Whereas the characters in The Favourite maneuver and scheme to achieve a status where servants will attend to their every need, Cleo in Roma reflects the posture of Christ, who ‘came not to be served, but to serve’ (Mark 10:45).
The radical self-denial and service of Cleo in Roma, like the feet-washing posture of Jesus (John 13:1–17), provides a picture of power in vivid contrast to that in The Favourite. The latter captures power as pre- and post-Christian societies construe it: self-interest, self-preservation, winner take all, only the strong survive. The former presents power through weakness, through self-denial and sacrificial love.

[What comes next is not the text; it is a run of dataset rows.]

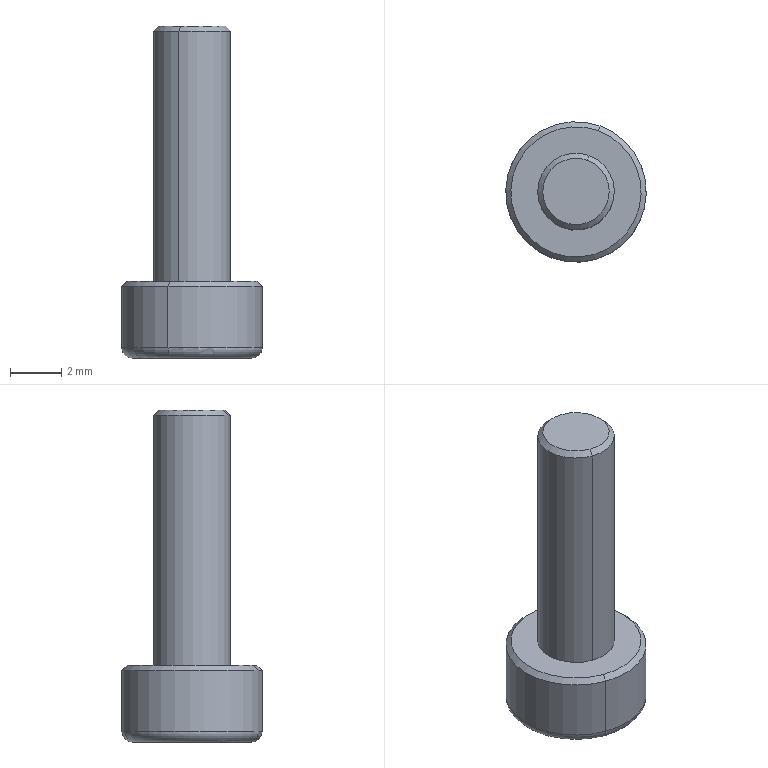Component | SolidWorks | SocketHeadCapScrew_M3_10-4 | 1 solid | 20 faces | box 5.5 x 5.5 x 13 mm | volume 134 mm3 | plane 10 | cone 4 | cylinder 4 | torus 2 | commonest cylinder face diameters 5.5 x2 3 x2
STEP:
#1=COLOUR_RGB('',0.7922,0.8196,0.9333);
#2=FILL_AREA_STYLE_COLOUR('',#1);
#3=FILL_AREA_STYLE('',(#2));
#4=SURFACE_STYLE_FILL_AREA(#3);
#5=SURFACE_SIDE_STYLE('',(#4));
#6=SURFACE_STYLE_USAGE(.BOTH.,#5);
#7=PRESENTATION_STYLE_ASSIGNMENT((#6));
#8=CARTESIAN_POINT('',(-0.4112,0.1684,-0.6711));
#9=VERTEX_POINT('',#8);
#10=CARTESIAN_POINT('',(-0.3762,0.2646,-0.6711));
#11=VERTEX_POINT('',#10);
#12=CARTESIAN_POINT('',(-0.3937,0.2165,-0.6711));
#13=DIRECTION('',(-0.,-0.,1.));
#14=DIRECTION('',(0.3419,0.9397,0.));
#15=AXIS2_PLACEMENT_3D('',#12,#13,#14);
#16=CIRCLE('',#15,0.05118);
#17=EDGE_CURVE('',#9,#11,#16,.T.);
#18=ORIENTED_EDGE('',*,*,#17,.F.);
#19=CARTESIAN_POINT('',(-0.4139,0.161,-0.679));
#20=VERTEX_POINT('',#19);
#21=CARTESIAN_POINT('',(-0.4139,0.161,-0.679));
#22=DIRECTION('',(-0.2417,-0.6645,-0.7071));
#23=VECTOR('',#22,39.37);
#24=LINE('',#21,#23);
#25=EDGE_CURVE('',#9,#20,#24,.T.);
#26=ORIENTED_EDGE('',*,*,#25,.T.);
#27=CARTESIAN_POINT('',(-0.3735,0.272,-0.679));
#28=VERTEX_POINT('',#27);
#29=CARTESIAN_POINT('',(-0.3937,0.2165,-0.679));
#30=DIRECTION('',(0.,0.,-1.));
#31=DIRECTION('',(0.3419,0.9397,0.));
#32=AXIS2_PLACEMENT_3D('',#29,#30,#31);
#33=CIRCLE('',#32,0.05906);
#34=EDGE_CURVE('',#28,#20,#33,.T.);
#35=ORIENTED_EDGE('',*,*,#34,.F.);
#36=CARTESIAN_POINT('',(-0.3735,0.272,-0.679));
#37=DIRECTION('',(0.2417,0.6645,-0.7071));
#38=VECTOR('',#37,39.37);
#39=LINE('',#36,#38);
#40=EDGE_CURVE('',#11,#28,#39,.T.);
#41=ORIENTED_EDGE('',*,*,#40,.F.);
#42=EDGE_LOOP('',(#18,#26,#35,#41));
#43=FACE_OUTER_BOUND('',#42,.T.);
#44=CARTESIAN_POINT('',(-0.3937,0.2165,-0.679));
#45=DIRECTION('',(0.,0.,-1.));
#46=DIRECTION('',(0.3419,0.9397,0.));
#47=AXIS2_PLACEMENT_3D('',#44,#45,#46);
#48=CONICAL_SURFACE('',#47,0.05906,0.7854);
#49=ADVANCED_FACE('',(#43),#48,.T.);
#50=CARTESIAN_POINT('',(-0.428,0.1222,-1.065));
#51=VERTEX_POINT('',#50);
#52=CARTESIAN_POINT('',(-0.3594,0.3109,-1.065));
#53=VERTEX_POINT('',#52);
#54=CARTESIAN_POINT('',(-0.3937,0.2165,-1.065));
#55=DIRECTION('',(-0.,-0.,1.));
#56=DIRECTION('',(0.3419,0.9397,0.));
#57=AXIS2_PLACEMENT_3D('',#54,#55,#56);
#58=CIRCLE('',#57,0.1004);
#59=EDGE_CURVE('',#51,#53,#58,.T.);
#60=ORIENTED_EDGE('',*,*,#59,.F.);
#61=CARTESIAN_POINT('',(-0.4307,0.1148,-1.073));
#62=VERTEX_POINT('',#61);
#63=CARTESIAN_POINT('',(-0.4307,0.1148,-1.073));
#64=DIRECTION('',(-0.2417,-0.6645,-0.7071));
#65=VECTOR('',#64,39.37);
#66=LINE('',#63,#65);
#67=EDGE_CURVE('',#51,#62,#66,.T.);
#68=ORIENTED_EDGE('',*,*,#67,.T.);
#69=CARTESIAN_POINT('',(-0.3567,0.3183,-1.073));
#70=VERTEX_POINT('',#69);
#71=CARTESIAN_POINT('',(-0.3937,0.2165,-1.073));
#72=DIRECTION('',(0.,0.,-1.));
#73=DIRECTION('',(0.3419,0.9397,0.));
#74=AXIS2_PLACEMENT_3D('',#71,#72,#73);
#75=CIRCLE('',#74,0.1083);
#76=EDGE_CURVE('',#70,#62,#75,.T.);
#77=ORIENTED_EDGE('',*,*,#76,.F.);
#78=CARTESIAN_POINT('',(-0.3567,0.3183,-1.073));
#79=DIRECTION('',(0.2417,0.6645,-0.7071));
#80=VECTOR('',#79,39.37);
#81=LINE('',#78,#80);
#82=EDGE_CURVE('',#53,#70,#81,.T.);
#83=ORIENTED_EDGE('',*,*,#82,.F.);
#84=EDGE_LOOP('',(#60,#68,#77,#83));
#85=FACE_OUTER_BOUND('',#84,.T.);
#86=CARTESIAN_POINT('',(-0.3937,0.2165,-1.073));
#87=DIRECTION('',(0.,0.,-1.));
#88=DIRECTION('',(0.3419,0.9397,0.));
#89=AXIS2_PLACEMENT_3D('',#86,#87,#88);
#90=CONICAL_SURFACE('',#89,0.1083,0.7854);
#91=ADVANCED_FACE('',(#85),#90,.T.);
#92=CARTESIAN_POINT('',(-0.3567,0.3183,-1.167));
#93=VERTEX_POINT('',#92);
#94=CARTESIAN_POINT('',(-0.4307,0.1148,-1.167));
#95=VERTEX_POINT('',#94);
#96=CARTESIAN_POINT('',(-0.3937,0.2165,-1.167));
#97=DIRECTION('',(0.,0.,-1.));
#98=DIRECTION('',(0.3419,0.9397,0.));
#99=AXIS2_PLACEMENT_3D('',#96,#97,#98);
#100=CIRCLE('',#99,0.1083);
#101=EDGE_CURVE('',#93,#95,#100,.T.);
#102=ORIENTED_EDGE('',*,*,#101,.T.);
#103=CARTESIAN_POINT('',(-0.4253,0.1296,-1.183));
#104=VERTEX_POINT('',#103);
#105=CARTESIAN_POINT('',(-0.4253,0.1296,-1.167));
#106=DIRECTION('',(0.9397,-0.3419,-0.));
#107=DIRECTION('',(0.3419,0.9397,0.));
#108=AXIS2_PLACEMENT_3D('',#105,#106,#107);
#109=CIRCLE('',#108,0.01575);
#110=EDGE_CURVE('',#95,#104,#109,.T.);
#111=ORIENTED_EDGE('',*,*,#110,.T.);
#112=CARTESIAN_POINT('',(-0.3621,0.3035,-1.183));
#113=VERTEX_POINT('',#112);
#114=CARTESIAN_POINT('',(-0.3937,0.2165,-1.183));
#115=DIRECTION('',(0.,0.,-1.));
#116=DIRECTION('',(0.3419,0.9397,0.));
#117=AXIS2_PLACEMENT_3D('',#114,#115,#116);
#118=CIRCLE('',#117,0.09252);
#119=EDGE_CURVE('',#113,#104,#118,.T.);
#120=ORIENTED_EDGE('',*,*,#119,.F.);
#121=CARTESIAN_POINT('',(-0.3621,0.3035,-1.167));
#122=DIRECTION('',(-0.9397,0.3419,0.));
#123=DIRECTION('',(-0.3419,-0.9397,0.));
#124=AXIS2_PLACEMENT_3D('',#121,#122,#123);
#125=CIRCLE('',#124,0.01575);
#126=EDGE_CURVE('',#93,#113,#125,.T.);
#127=ORIENTED_EDGE('',*,*,#126,.F.);
#128=EDGE_LOOP('',(#102,#111,#120,#127));
#129=FACE_OUTER_BOUND('',#128,.T.);
#130=CARTESIAN_POINT('',(-0.3937,0.2165,-1.167));
#131=DIRECTION('',(0.,0.,-1.));
#132=DIRECTION('',(0.3419,0.9397,0.));
#133=AXIS2_PLACEMENT_3D('',#130,#131,#132);
#134=TOROIDAL_SURFACE('',#133,0.09252,0.01575);
#135=ADVANCED_FACE('',(#129),#134,.T.);
#136=ORIENTED_EDGE('',*,*,#76,.T.);
#137=CARTESIAN_POINT('',(-0.4307,0.1148,-1.196));
#138=DIRECTION('',(0.,0.,-1.));
#139=VECTOR('',#138,39.37);
#140=LINE('',#137,#139);
#141=EDGE_CURVE('',#62,#95,#140,.T.);
#142=ORIENTED_EDGE('',*,*,#141,.T.);
#143=ORIENTED_EDGE('',*,*,#101,.F.);
#144=CARTESIAN_POINT('',(-0.3567,0.3183,-1.196));
#145=DIRECTION('',(0.,0.,-1.));
#146=VECTOR('',#145,39.37);
#147=LINE('',#144,#146);
#148=EDGE_CURVE('',#70,#93,#147,.T.);
#149=ORIENTED_EDGE('',*,*,#148,.F.);
#150=EDGE_LOOP('',(#136,#142,#143,#149));
#151=FACE_OUTER_BOUND('',#150,.T.);
#152=CARTESIAN_POINT('',(-0.3937,0.2165,-1.196));
#153=DIRECTION('',(0.,0.,-1.));
#154=DIRECTION('',(0.3419,0.9397,0.));
#155=AXIS2_PLACEMENT_3D('',#152,#153,#154);
#156=CYLINDRICAL_SURFACE('',#155,0.1083);
#157=ADVANCED_FACE('',(#151),#156,.T.);
#158=ORIENTED_EDGE('',*,*,#34,.T.);
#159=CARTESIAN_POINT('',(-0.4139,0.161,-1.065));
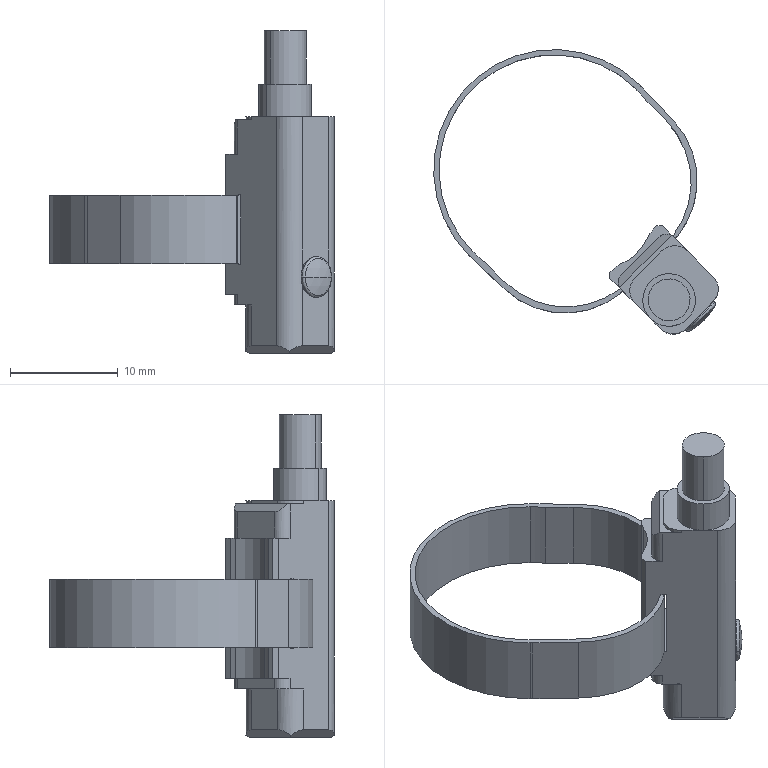Component | SolidWorks | F01AE00111-A2000-21TopEdgeAssembly-1_MA20x250SU(0)+(CS1-M-2)-1_CS1-M-S20-1 | 1 solid | 72 faces | box 26.44 x 26.44 x 30 mm | volume 1490 mm3 | plane 39 | cylinder 29 | sphere 2 | torus 2 | commonest cylinder face diameters 3.4 x6 21.4 x5 16.4 x4 2 x4 22.4 x3 3.8 x2 3.9 x2 4.9 x2
build123d program:
from build123d import *

# Parameters (mm, degrees)
BOSS_EXTRUDE1_DEPTH      = 3.175
BOSS_EXTRUDE1_DEPTH_BACK = 3.175
BOSS_EXTRUDE2_DEPTH      = 18.5
CUT_EXTRUDE1_DEPTH       = 4.5
CUT_EXTRUDE2_DEPTH       = 5.5
CUT_EXTRUDE3_DEPTH       = 18.5
BOSS_EXTRUDE3_DEPTH      = 3.5
CUT_EXTRUDE4_DEPTH       = 3.25
CUT_EXTRUDE4_DEPTH_BACK  = 3.25
SKETCH7_W                = 7.3
SKETCH7_H                = 0.3
SKETCH8_R                = 2.45
BOSS_EXTRUDE4_DEPTH      = 25
SKETCH9_R                = 1.95
BOSS_EXTRUDE5_DEPTH      = 30
BOSS_EXTRUDE6_DEPTH      = 3.2
CUT_EXTRUDE5_DEPTH       = 5
CUT_EXTRUDE5_DEPTH_BACK  = 5
CUT_EXTRUDE6_DEPTH       = 5
CUT_EXTRUDE6_DEPTH_BACK  = 5
CUT_EXTRUDE7_DEPTH       = 10
CUT_EXTRUDE7_DEPTH_BACK  = 10
SKETCH1_R                = 10.7
IR_BANDBORE_D21_4_DEPTH  = 7


with BuildPart() as part:
    # Sketch1_2 → Boss-Extrude1 (new, two sides: drawn at the far end of the back side and taken through both)
    with BuildSketch(Plane(origin=(11.5, 0, 0), x_dir=(0, 0, -1), z_dir=(1, 0, 0)).offset(-BOSS_EXTRUDE1_DEPTH_BACK)):
        with BuildLine():
            Line((11.197, 0.2717), (11.094, 4.499))
            ThreePointArc((11.094, 4.499), (8.624, 10.168), (2.897, 12.5))
            Line((2.897, 12.5), (-2.897, 12.5))
            ThreePointArc((-2.897, 12.5), (-8.624, 10.168), (-11.094, 4.499))
            Line((-11.094, 4.499), (-11.197, 0.2717))
            ThreePointArc((-11.197, 0.2717), (0, -11.2), (11.197, 0.2717))
        make_face()
        with BuildLine():
            Line((-10.6, 4), (-10.6, 0))
            ThreePointArc((-10.6, 0), (0, -10.6), (10.6, 0))
            Line((10.6, 0), (10.6, 4))
            ThreePointArc((10.6, 4), (8.198, 9.798), (2.4, 12.2))
            Line((2.4, 12.2), (-2.4, 12.2))
            ThreePointArc((-2.4, 12.2), (-8.198, 9.798), (-10.6, 4))
        make_face(mode=Mode.SUBTRACT)
    extrude(amount=BOSS_EXTRUDE1_DEPTH + BOSS_EXTRUDE1_DEPTH_BACK)

    # Sketch2 → Boss-Extrude2 (add)
    with BuildSketch(Plane(origin=(0, 0, 0), x_dir=(0, 0, -1), z_dir=(1, 0, 0))):
        with BuildLine():
            Line((-3.45, 10.757), (-3.096, 10.404))
            Line((-3.096, 10.404), (-2.5, 10.404))
            Line((-2.5, 10.404), (-2.5, 10))
            Line((-2.5, 10), (2.5, 10))
            Line((2.5, 10), (2.5, 10.404))
            Line((2.5, 10.404), (3.096, 10.404))
            Line((3.096, 10.404), (3.45, 10.757))
            Line((3.45, 10.757), (3.45, 17.4))
            ThreePointArc((3.45, 17.4), (2.952, 18.602), (1.75, 19.1))
            Line((1.75, 19.1), (-1.75, 19.1))
            ThreePointArc((-1.75, 19.1), (-2.952, 18.602), (-3.45, 17.4))
            Line((-3.45, 17.4), (-3.45, 10.757))
        make_face()
    extrude(amount=BOSS_EXTRUDE2_DEPTH)

    # Sketch3 → Cut-Extrude1 (cut)
    with BuildSketch(Plane(origin=(0, 0, 0), x_dir=(0, 0, -1), z_dir=(1, 0, 0))):
        with BuildLine():
            Line((-3.45, 14.1), (-3.45, 10.757))
            Line((-3.45, 10.757), (-3.096, 10.404))
            Line((-3.096, 10.404), (-2.5, 10.404))
            Line((-2.5, 10.404), (-2.5, 10))
            Line((-2.5, 10), (2.5, 10))
            Line((2.5, 10), (2.5, 10.404))
            Line((2.5, 10.404), (3.096, 10.404))
            Line((3.096, 10.404), (3.45, 10.757))
            Line((3.45, 10.757), (3.45, 14.1))
            ThreePointArc((3.45, 14.1), (2.952, 12.898), (1.75, 12.4))
            Line((1.75, 12.4), (-1.75, 12.4))
            ThreePointArc((-1.75, 12.4), (-2.952, 12.898), (-3.45, 14.1))
        make_face()
    extrude(amount=CUT_EXTRUDE1_DEPTH, mode=Mode.SUBTRACT)

    # Sketch4 → Cut-Extrude2 (cut)
    with BuildSketch(Plane(origin=(0, 0, 0), x_dir=(0, 0, -1), z_dir=(1, 0, 0))):
        with BuildLine():
            Line((-3.45, 12.3), (-3.45, 10.757))
            Line((-3.45, 10.757), (-3.096, 10.404))
            Line((-3.096, 10.404), (-2.5, 10.404))
            Line((-2.5, 10.404), (-2.5, 10))
            Line((-2.5, 10), (2.5, 10))
            Line((2.5, 10), (2.5, 10.404))
            Line((2.5, 10.404), (3.096, 10.404))
            Line((3.096, 10.404), (3.45, 10.757))
            Line((3.45, 10.757), (3.45, 12.3))
            ThreePointArc((3.45, 12.3), (3.157, 11.593), (2.45, 11.3))
            Line((2.45, 11.3), (-2.45, 11.3))
            ThreePointArc((-2.45, 11.3), (-3.157, 11.593), (-3.45, 12.3))
        make_face()
    extrude(amount=CUT_EXTRUDE2_DEPTH, mode=Mode.SUBTRACT)

    # Sketch5 → Cut-Extrude3 (cut)
    with BuildSketch(Plane(origin=(0, 0, 0), x_dir=(0, 0, -1), z_dir=(1, 0, 0))):
        with BuildLine():
            Line((-2.5, 9.6), (2.5, 9.6))
            Line((2.5, 9.6), (2.5, 10.404))
            Line((2.5, 10.404), (2.18, 10.404))
            ThreePointArc((2.18, 10.404), (0, 10.904), (-2.18, 10.404))
            Line((-2.18, 10.404), (-2.5, 10.404))
            Line((-2.5, 10.404), (-2.5, 9.6))
        make_face()
    extrude(amount=CUT_EXTRUDE3_DEPTH, mode=Mode.SUBTRACT)

    # Sketch6 → Boss-Extrude3 (add)
    with BuildSketch(Plane(origin=(18.5, 0, 0), x_dir=(0, 0, -1), z_dir=(1, 0, 0))):
        with BuildLine():
            Line((-1.75, 12.4), (1.75, 12.4))
            ThreePointArc((1.75, 12.4), (2.952, 12.898), (3.45, 14.1))
            Line((3.45, 14.1), (3.45, 17.4))
            ThreePointArc((3.45, 17.4), (2.952, 18.602), (1.75, 19.1))
            Line((1.75, 19.1), (-1.75, 19.1))
            ThreePointArc((-1.75, 19.1), (-2.952, 18.602), (-3.45, 17.4))
            Line((-3.45, 17.4), (-3.45, 14.1))
            ThreePointArc((-3.45, 14.1), (-2.952, 12.898), (-1.75, 12.4))
        make_face()
    extrude(amount=BOSS_EXTRUDE3_DEPTH)

    # Sketch7 → Cut-Extrude4 (cut, two sides: drawn at the far end of the back side and taken through both)
    with BuildSketch(Plane(origin=(11.5, 0, 0), x_dir=(0, 0, -1), z_dir=(1, 0, 0)).offset(-CUT_EXTRUDE4_DEPTH_BACK)):
        with Locations((0, 12.55)):
            Rectangle(SKETCH7_W, SKETCH7_H)
    extrude(amount=CUT_EXTRUDE4_DEPTH + CUT_EXTRUDE4_DEPTH_BACK, mode=Mode.SUBTRACT)

    # Sketch8 → Boss-Extrude4 (add)
    with BuildSketch(Plane(origin=(0, 0, 0), x_dir=(0, 0, -1), z_dir=(1, 0, 0))):
        with Locations((1, 16.1)):
            Circle(SKETCH8_R)
    extrude(amount=BOSS_EXTRUDE4_DEPTH)

    # Sketch9 → Boss-Extrude5 (add)
    with BuildSketch(Plane(origin=(0, 0, 0), x_dir=(0, 0, -1), z_dir=(1, 0, 0))):
        with Locations((1, 16.1)):
            Circle(SKETCH9_R)
    extrude(amount=BOSS_EXTRUDE5_DEPTH)

    # Sketch10 → Boss-Extrude6 (add)
    with BuildSketch(Plane(origin=(18.5, 0, 0), x_dir=(0, 0, -1), z_dir=(1, 0, 0))):
        with BuildLine():
            Line((-2.45, 11.3), (2.45, 11.3))
            ThreePointArc((2.45, 11.3), (3.157, 11.593), (3.45, 12.3))
            Line((3.45, 12.3), (3.45, 14.1))
            ThreePointArc((3.45, 14.1), (2.952, 12.898), (1.75, 12.4))
            Line((1.75, 12.4), (-1.75, 12.4))
            ThreePointArc((-1.75, 12.4), (-2.952, 12.898), (-3.45, 14.1))
            Line((-3.45, 14.1), (-3.45, 12.3))
            ThreePointArc((-3.45, 12.3), (-3.157, 11.593), (-2.45, 11.3))
        make_face()
    extrude(amount=BOSS_EXTRUDE6_DEPTH)

    # Sketch11 → Cut-Extrude5 (cut, two sides: drawn at the far end of the back side and taken through both)
    with BuildSketch(Plane.XY.offset(-CUT_EXTRUDE5_DEPTH_BACK)):
        Polygon((20.993, 11.3), (20.993, 10.3), (22.7, 10.3), (22.7, 12.007), (21.7, 12.007), align=None)
    extrude(amount=CUT_EXTRUDE5_DEPTH + CUT_EXTRUDE5_DEPTH_BACK, mode=Mode.SUBTRACT)

    # Sketch12 → Cut-Extrude6 (cut, two sides: drawn at the far end of the back side and taken through both)
    with BuildSketch(Plane.XY.offset(-CUT_EXTRUDE6_DEPTH_BACK)):
        Polygon((-1, 20.1), (-1, 11.4), (0.7071, 11.4), (0.7071, 12.4), (0, 13.107), (0, 18.393), (0.7071, 19.1), (0.7071, 20.1), align=None)
    extrude(amount=CUT_EXTRUDE6_DEPTH + CUT_EXTRUDE6_DEPTH_BACK, mode=Mode.SUBTRACT)

    # Sketch13 → Cut-Extrude7 (cut, two sides: drawn at the far end of the back side and taken through both)
    with BuildSketch(Plane(origin=(0, 19.1, 0), x_dir=(1, 0, 0), z_dir=(0, 1, 0)).offset(-CUT_EXTRUDE7_DEPTH_BACK)):
        Polygon((-1, -4.45), (0.7071, -4.45), (0.7071, -3.45), (0, -2.743), (0, 2.743), (0.7071, 3.45), (0.7071, 4.45), (-1, 4.45), align=None)
    extrude(amount=CUT_EXTRUDE7_DEPTH + CUT_EXTRUDE7_DEPTH_BACK, mode=Mode.SUBTRACT)

    # Sketch14 → Revolve1 (revolve)
    with BuildSketch(Plane(origin=(7.1, 0, 0), x_dir=(0, 0, -1), z_dir=(1, 0, 0)), mode=Mode.PRIVATE) as revolve1_sk:
        with BuildLine():
            Line((0, 19.1), (-1.9, 19.1))
            Line((-1.9, 19.1), (-1.9, 19.215))
            ThreePointArc((-1.9, 19.215), (-1.85, 19.366), (-1.72, 19.456))
            ThreePointArc((-1.72, 19.456), (-0.8685, 19.639), (0, 19.7))
            Line((0, 19.7), (0, 19.1))
        make_face()
    revolve(revolve1_sk.sketch.rotate(Axis((7.1, 19.7, 0), (0, -1, 0)), 180), axis=Axis((7.1, 19.7, 0), (0, -1, 0)))

    # Sketch1 → IR_BandBore_D21.4 (cut, symmetric)
    with BuildSketch(Plane(origin=(12, 0, 0), x_dir=(0, 0, -1), z_dir=(1, 0, 0))):
        Circle(SKETCH1_R)
    extrude(amount=IR_BANDBORE_D21_4_DEPTH, both=True, mode=Mode.SUBTRACT)


solid = part.part

# Placed as in the assembly
solid = solid.moved(Location((-109.352, 82.548, -314.975), (-90, 45, -90)))

By presenting these two contrasting visions, The Favourite and Roma reveal a tension in today’s world. On one hand is the secular, naturalistic, Darwinian/Nietzschean vision, which sees humans as merely advanced animals who must look out for their own best interests. On the other hand is the Christian vision, which sees humans as image bearers of God who find life by losing it (Matt. 10:39). The tension is so present today that many Christians are seduced by the secular vision, tempted to dehumanize ideological opponents and make unwise alliances in the name of preserving power.
But is that what we want to be? Is the fickle favor of this world’s leaders—favor like a shifting breeze—really where power is found? That “power” is weak and fleeting. The power of the cross, on the other hand, is eternal. God’s favor to us in Christ is what matters. Foolish in the eyes of the world? Yes (1 Cor. 1:18). But we’d be foolish to trade it for anything.